Set Fixed-Point Math Attributes
This example shows how to set fixed point math attributes in MATLAB® code.
Use the fimath object to control fixed-point math attributes for assignment, addition, subtraction, and multiplication. Use the setfimath function to attach a fimath object to a fi object. Use the removefimath function to remove a fimath object from a fi object.
You can use the MATLAB Coder™ software to generate C code from these examples.
Set and Remove Fixed Point Math Attributes
The user_written_sum function shows an example of how to insulate fixed-point operations from global and local fimath settings by using the setfimath and removefimath functions. You can also return from functions with no fimath attached to output variables. This gives you local control over fixed-point math settings without interfering with the settings in other functions.
function y = user_written_sum(u) % Setup F = fimath('RoundingMethod','Floor',... 'OverflowAction','Wrap',... 'SumMode','KeepLSB',... 'SumWordLength',32); u = setfimath(u,F); y = fi(0,true,32,get(u,'FractionLength'),F); % Algorithm for i=1:length(u) y(:) = y + u(i); end % Cleanup y = removefimath(y); end
The fimath controls the arithmetic inside the function, but the returned value has no attached fimath. This is due to the use of setfimath and removefimath inside the user_written_sum function.
u = fi(1:10,true,16,11); y = user_written_sum(u)
y =
55
DataTypeMode: Fixed-point: binary point scaling
Signedness: Signed
WordLength: 32
FractionLength: 11
Generate C Code
If you have a MATLAB Coder license, you can run these commands to generate C code.
u = fi(1:10,true,16,11); codegen user_written_sum -args {u} -config:lib -launchreport
The fimath, setfimath, and removefimath functions control the fixed-point math, but the underlying data contained in the variables does not change and so the generated C code does not produce any data copies.
int user_written_sum(const short u[10])
{
int i;
int y;
y = 0;
/* Algorithm */
for (i = 0; i < 10; i++) {
y += u[i];
}
/* Cleanup */
return y;
}
Mismatched fimath
When you operate on fi objects, their fimath properties must be equal or you get an error.
A = fi(pi,'ProductMode','KeepLSB'); B = fi(2,'ProductMode','SpecifyPrecision'); try C = A*B catch me disp(me.message) end
The embedded.fimath of both operands must be equal.
To avoid this error, you can remove fimath from one of the variables in the expression.

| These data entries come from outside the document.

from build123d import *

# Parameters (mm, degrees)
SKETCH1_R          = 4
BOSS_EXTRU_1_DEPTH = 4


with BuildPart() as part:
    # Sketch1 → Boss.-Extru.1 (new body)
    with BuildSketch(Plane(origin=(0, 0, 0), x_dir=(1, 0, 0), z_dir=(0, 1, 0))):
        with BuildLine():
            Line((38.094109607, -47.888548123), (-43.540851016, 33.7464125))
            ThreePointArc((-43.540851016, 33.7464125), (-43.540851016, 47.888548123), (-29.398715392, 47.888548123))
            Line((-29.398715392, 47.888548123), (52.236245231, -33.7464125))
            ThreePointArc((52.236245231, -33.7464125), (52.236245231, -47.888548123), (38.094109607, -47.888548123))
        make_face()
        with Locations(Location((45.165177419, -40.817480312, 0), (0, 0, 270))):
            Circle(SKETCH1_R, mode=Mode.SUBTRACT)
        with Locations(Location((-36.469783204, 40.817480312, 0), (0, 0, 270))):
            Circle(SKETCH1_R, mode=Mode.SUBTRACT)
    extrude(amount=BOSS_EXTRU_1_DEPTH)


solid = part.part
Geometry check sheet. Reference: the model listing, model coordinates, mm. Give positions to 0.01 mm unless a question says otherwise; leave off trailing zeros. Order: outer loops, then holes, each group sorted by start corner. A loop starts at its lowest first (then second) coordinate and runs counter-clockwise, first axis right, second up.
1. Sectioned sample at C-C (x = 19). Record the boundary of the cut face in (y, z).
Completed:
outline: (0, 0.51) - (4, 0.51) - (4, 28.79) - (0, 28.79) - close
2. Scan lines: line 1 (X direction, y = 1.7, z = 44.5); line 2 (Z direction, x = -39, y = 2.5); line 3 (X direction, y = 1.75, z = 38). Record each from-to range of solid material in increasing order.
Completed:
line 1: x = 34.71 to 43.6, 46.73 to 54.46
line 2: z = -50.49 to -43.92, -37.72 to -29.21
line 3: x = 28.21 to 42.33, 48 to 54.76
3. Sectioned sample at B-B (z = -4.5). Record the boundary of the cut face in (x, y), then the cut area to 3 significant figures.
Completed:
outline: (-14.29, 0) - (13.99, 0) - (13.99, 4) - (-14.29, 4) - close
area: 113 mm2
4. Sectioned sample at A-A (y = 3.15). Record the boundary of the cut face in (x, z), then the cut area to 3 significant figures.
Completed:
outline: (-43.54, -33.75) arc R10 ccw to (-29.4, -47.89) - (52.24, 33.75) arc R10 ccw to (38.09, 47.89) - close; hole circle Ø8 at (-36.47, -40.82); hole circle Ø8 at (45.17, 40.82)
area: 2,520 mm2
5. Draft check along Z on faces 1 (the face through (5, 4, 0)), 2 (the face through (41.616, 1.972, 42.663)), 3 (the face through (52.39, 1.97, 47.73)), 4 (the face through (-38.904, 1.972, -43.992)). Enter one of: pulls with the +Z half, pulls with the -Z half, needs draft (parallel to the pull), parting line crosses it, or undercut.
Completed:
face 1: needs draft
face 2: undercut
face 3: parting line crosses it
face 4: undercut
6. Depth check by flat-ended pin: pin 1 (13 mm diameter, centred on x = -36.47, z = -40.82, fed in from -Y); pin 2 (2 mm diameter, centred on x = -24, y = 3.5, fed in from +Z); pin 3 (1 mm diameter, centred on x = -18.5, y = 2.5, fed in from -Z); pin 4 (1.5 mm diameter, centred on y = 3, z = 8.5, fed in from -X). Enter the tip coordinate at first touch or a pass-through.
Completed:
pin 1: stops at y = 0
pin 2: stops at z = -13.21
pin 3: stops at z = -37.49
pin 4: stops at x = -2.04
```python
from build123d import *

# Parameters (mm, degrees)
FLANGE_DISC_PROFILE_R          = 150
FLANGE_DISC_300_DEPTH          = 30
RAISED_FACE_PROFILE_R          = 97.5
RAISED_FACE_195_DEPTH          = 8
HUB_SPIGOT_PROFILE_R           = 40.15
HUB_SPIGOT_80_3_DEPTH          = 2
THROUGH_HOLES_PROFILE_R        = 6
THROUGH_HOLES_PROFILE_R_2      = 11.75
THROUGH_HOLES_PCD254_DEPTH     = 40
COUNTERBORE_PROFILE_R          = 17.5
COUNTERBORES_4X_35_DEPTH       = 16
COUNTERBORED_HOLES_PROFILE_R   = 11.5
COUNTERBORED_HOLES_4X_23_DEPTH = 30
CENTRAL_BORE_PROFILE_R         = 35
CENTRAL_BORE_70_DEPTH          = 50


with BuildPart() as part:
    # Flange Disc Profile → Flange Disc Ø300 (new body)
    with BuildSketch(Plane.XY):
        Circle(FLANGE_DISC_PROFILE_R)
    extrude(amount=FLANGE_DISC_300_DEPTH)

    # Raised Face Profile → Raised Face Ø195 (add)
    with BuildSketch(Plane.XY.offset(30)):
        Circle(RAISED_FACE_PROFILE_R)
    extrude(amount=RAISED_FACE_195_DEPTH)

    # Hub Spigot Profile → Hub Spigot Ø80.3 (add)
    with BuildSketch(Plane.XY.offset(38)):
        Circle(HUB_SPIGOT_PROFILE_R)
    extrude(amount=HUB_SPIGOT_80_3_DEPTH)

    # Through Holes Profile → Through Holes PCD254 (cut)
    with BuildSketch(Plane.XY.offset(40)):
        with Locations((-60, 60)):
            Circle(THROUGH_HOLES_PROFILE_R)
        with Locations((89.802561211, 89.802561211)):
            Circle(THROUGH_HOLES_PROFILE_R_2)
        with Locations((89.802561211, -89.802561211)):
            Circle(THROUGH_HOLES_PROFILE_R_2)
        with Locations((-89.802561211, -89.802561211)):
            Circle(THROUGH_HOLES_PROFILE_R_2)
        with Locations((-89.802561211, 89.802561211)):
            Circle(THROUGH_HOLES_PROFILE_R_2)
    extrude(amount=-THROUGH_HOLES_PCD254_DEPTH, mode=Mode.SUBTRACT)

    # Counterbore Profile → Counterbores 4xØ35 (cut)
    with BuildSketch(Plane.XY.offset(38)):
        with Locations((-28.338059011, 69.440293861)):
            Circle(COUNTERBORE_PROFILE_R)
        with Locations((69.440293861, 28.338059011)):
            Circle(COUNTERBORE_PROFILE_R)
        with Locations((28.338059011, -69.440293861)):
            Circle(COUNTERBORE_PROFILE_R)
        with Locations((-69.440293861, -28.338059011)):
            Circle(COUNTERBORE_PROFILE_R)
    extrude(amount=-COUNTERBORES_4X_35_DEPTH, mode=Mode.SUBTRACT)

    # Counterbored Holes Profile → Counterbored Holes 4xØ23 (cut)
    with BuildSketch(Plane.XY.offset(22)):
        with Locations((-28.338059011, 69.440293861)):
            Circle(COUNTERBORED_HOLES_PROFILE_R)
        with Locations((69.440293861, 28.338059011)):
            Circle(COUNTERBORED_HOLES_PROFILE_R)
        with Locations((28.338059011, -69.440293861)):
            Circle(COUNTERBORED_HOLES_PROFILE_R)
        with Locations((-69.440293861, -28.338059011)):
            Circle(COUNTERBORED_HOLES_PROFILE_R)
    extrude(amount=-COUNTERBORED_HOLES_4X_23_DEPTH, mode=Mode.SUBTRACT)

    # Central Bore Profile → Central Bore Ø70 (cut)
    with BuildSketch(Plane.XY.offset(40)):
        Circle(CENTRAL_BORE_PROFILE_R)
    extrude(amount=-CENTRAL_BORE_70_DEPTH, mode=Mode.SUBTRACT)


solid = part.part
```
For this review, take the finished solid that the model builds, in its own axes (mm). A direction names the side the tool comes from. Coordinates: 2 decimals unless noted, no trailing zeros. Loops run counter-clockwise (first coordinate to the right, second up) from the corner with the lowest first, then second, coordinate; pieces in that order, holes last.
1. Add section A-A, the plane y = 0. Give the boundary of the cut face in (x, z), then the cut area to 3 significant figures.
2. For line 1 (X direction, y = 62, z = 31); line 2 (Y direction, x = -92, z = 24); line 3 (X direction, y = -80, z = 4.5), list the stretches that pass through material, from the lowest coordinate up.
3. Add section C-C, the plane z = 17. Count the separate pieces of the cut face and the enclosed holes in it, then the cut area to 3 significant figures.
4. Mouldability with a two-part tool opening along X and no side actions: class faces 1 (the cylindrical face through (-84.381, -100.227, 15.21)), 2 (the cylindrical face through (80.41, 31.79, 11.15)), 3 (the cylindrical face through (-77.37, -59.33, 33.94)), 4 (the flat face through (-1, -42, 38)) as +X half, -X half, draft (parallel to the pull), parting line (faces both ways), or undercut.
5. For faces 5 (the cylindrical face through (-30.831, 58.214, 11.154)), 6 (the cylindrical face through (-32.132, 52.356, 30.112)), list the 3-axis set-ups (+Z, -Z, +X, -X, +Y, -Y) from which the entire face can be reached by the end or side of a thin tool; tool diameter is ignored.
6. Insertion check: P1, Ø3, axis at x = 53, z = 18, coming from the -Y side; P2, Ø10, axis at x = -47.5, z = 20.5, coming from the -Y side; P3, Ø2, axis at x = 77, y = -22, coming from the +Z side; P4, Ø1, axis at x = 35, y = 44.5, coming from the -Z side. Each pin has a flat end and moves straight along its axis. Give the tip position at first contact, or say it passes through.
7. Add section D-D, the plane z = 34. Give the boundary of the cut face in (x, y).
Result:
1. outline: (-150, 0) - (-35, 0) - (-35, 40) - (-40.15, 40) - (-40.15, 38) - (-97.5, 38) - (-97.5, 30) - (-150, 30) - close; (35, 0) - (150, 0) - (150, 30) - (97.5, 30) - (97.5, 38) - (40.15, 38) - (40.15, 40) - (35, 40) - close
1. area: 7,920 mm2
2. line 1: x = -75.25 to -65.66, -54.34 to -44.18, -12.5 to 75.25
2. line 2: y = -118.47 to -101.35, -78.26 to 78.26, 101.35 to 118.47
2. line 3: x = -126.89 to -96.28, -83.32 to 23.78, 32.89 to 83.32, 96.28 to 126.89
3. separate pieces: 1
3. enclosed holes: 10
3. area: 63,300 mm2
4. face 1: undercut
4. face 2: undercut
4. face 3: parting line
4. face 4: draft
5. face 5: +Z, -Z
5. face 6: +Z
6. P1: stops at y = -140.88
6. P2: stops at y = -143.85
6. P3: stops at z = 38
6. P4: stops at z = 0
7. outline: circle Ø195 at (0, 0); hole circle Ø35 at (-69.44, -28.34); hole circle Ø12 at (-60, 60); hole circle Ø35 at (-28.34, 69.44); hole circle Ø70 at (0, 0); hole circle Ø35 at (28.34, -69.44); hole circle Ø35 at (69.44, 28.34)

In this example, the fimath is removed from B in the context of the expression without modifying B itself. The product is computed using the fimath attached to A.
C = A * removefimath(B)
C =
6.2832
DataTypeMode: Fixed-point: binary point scaling
Signedness: Signed
WordLength: 32
FractionLength: 26
RoundingMethod: Nearest
OverflowAction: Saturate
ProductMode: KeepLSB
ProductWordLength: 32
SumMode: FullPrecision
Change fimath on Temporary Variables
If you have variables with no attached fimath, but you want to control a particular operation, then you can attach a fimath in the context of the expression without modifying the variables.
For example, compute the product using the fimath defined by F.
F = fimath('ProductMode','KeepLSB',... 'OverflowAction','Wrap',... 'RoundingMethod','Floor'); A = fi(pi); B = fi(2); C = A * setfimath(B,F)
C =
6.2832
DataTypeMode: Fixed-point: binary point scaling
Signedness: Signed
WordLength: 32
FractionLength: 26
RoundingMethod: Floor
OverflowAction: Wrap
ProductMode: KeepLSB
ProductWordLength: 32
SumMode: FullPrecision
The variable B is not changed.
B
B =
2
DataTypeMode: Fixed-point: binary point scaling
Signedness: Signed
WordLength: 16
FractionLength: 13
Remove fimath Conflict in a Loop
You can compute products and sums to match the accumulator of a DSP with floor rounding and wrap overflow, and use nearest rounding and saturate overflow on the output. To avoid mismatched fimath errors, you can remove the fimath on the output variable when it is used in a computation with the other variables.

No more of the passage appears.